Ograniczenie ruchu samolotów z powodu pyłu z islandzkiego wulkanu kosztowało europejskie porty lotnicze blisko 300 mln euro. Liczba odprawionych pasażerów zmniejszyła się z tego powodu o 17 milionów.

Jak poinformowało stowarzyszenie operatorów lotnisk ACI podczas swego dorocznego posiedzenia w Mediolanie, wywołany erupcją pyłu kryzys w zasadzie udaremnił poprawę sytuacji, jaką zapowiadał wzrost ruchu pasażerskiego w I kwartale bieżącego roku o 5,2 proc. Perspektywy rezerwacji na sezon letni są wprawdzie obiecujące, ale utrzymuje się groźba erupcji innych wulkanów.
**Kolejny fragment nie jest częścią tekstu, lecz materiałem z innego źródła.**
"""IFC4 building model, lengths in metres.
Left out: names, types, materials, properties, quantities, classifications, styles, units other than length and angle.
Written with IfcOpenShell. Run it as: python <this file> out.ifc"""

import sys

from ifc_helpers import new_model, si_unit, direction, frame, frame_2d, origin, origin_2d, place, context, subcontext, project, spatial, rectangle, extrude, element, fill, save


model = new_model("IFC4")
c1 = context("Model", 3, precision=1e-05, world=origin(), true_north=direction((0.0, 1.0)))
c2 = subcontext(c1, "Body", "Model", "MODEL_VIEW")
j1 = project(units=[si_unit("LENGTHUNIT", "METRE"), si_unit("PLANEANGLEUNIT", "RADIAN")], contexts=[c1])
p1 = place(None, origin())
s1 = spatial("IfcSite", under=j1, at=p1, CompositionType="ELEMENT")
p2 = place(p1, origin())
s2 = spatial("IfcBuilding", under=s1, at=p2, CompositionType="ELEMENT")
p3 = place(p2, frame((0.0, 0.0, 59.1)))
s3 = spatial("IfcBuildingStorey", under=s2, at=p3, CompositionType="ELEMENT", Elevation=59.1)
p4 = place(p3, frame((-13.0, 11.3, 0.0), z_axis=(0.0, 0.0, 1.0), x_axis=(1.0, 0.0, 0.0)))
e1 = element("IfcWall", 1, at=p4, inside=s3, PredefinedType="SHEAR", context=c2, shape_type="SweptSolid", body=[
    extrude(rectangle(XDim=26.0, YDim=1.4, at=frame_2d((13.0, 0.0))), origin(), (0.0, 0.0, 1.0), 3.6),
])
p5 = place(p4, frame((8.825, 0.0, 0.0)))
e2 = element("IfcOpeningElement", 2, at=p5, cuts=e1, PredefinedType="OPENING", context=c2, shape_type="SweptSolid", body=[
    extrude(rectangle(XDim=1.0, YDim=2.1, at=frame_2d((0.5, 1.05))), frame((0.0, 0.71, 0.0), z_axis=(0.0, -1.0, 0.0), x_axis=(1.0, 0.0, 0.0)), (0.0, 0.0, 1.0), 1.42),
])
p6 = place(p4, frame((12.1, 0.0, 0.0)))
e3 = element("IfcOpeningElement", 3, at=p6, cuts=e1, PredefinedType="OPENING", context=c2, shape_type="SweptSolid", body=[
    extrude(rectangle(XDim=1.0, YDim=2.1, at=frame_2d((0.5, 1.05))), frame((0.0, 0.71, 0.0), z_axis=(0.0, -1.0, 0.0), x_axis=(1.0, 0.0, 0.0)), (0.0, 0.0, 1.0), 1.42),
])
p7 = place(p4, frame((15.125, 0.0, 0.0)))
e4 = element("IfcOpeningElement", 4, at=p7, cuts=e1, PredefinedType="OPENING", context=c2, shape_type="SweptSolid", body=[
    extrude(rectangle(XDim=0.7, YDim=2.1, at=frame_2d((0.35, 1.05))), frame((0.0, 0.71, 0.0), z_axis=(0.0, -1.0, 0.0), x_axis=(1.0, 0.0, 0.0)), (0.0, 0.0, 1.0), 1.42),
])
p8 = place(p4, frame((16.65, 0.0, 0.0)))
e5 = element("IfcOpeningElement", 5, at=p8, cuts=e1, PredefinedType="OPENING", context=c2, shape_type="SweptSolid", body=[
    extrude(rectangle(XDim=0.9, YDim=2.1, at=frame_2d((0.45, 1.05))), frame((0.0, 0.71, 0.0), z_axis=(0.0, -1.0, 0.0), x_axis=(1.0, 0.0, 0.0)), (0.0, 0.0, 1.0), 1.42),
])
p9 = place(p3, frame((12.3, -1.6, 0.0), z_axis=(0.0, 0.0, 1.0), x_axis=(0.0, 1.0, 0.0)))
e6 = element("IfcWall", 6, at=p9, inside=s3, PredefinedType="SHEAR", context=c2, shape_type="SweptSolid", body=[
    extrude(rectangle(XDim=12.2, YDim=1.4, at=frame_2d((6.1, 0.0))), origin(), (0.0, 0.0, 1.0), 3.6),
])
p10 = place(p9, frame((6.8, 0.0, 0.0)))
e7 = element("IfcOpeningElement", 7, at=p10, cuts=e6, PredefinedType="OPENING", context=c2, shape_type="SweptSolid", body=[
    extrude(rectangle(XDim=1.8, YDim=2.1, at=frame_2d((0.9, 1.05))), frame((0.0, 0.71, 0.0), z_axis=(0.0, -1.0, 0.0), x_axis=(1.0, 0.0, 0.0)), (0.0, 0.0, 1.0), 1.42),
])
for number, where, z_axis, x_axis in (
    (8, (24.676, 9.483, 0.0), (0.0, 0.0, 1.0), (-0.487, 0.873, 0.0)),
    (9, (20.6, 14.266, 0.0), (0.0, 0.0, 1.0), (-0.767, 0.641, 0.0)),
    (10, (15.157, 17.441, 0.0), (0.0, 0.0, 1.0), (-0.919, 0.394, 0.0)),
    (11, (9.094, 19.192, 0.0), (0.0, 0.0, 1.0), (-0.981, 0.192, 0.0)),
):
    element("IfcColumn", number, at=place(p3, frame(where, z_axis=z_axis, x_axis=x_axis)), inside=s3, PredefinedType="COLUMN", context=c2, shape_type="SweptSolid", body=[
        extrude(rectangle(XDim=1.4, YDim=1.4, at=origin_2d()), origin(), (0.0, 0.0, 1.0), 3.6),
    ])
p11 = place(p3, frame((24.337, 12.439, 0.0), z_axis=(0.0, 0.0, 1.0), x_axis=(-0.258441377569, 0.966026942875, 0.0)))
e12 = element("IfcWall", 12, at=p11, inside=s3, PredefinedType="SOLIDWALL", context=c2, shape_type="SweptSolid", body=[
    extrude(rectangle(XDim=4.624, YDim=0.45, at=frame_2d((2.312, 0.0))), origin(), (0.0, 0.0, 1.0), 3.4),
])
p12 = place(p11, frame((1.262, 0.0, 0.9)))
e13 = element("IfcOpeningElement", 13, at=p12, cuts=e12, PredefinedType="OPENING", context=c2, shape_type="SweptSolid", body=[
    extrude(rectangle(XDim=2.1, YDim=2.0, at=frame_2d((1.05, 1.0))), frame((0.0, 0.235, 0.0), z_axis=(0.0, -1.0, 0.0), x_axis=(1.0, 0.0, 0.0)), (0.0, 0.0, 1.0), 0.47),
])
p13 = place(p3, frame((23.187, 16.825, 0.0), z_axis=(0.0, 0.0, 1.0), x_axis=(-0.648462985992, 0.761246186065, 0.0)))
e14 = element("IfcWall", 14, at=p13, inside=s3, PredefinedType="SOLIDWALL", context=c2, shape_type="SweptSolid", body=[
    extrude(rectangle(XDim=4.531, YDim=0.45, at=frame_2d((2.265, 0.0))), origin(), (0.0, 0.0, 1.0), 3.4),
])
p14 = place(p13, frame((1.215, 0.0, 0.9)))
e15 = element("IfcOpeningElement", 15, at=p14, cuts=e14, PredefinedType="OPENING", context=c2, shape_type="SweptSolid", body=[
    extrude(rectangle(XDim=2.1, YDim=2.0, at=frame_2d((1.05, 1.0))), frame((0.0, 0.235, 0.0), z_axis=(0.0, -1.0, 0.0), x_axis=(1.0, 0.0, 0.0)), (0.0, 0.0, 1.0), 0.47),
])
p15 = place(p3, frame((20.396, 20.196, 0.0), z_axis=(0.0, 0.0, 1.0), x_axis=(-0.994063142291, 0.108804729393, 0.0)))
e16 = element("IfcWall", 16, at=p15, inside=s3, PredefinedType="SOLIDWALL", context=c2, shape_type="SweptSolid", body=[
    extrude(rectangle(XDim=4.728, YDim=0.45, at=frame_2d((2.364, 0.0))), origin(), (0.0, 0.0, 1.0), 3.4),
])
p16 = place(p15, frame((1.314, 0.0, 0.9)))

Operatorzy portów lotniczych spodziewają się w tym roku wzrostu obrotów tylko o 3 proc., gdyż utrzymujący się kryzys finansowy i słaby wzrost gospodarczy hamują popyt na przewozy.

Od połowy kwietnia pył wulkaniczny z islandzkiego wulkanu Eyjafjoell utrudniał ruch lotniczy nad Europą. Odwołano łącznie ponad 100 tysięcy lotów.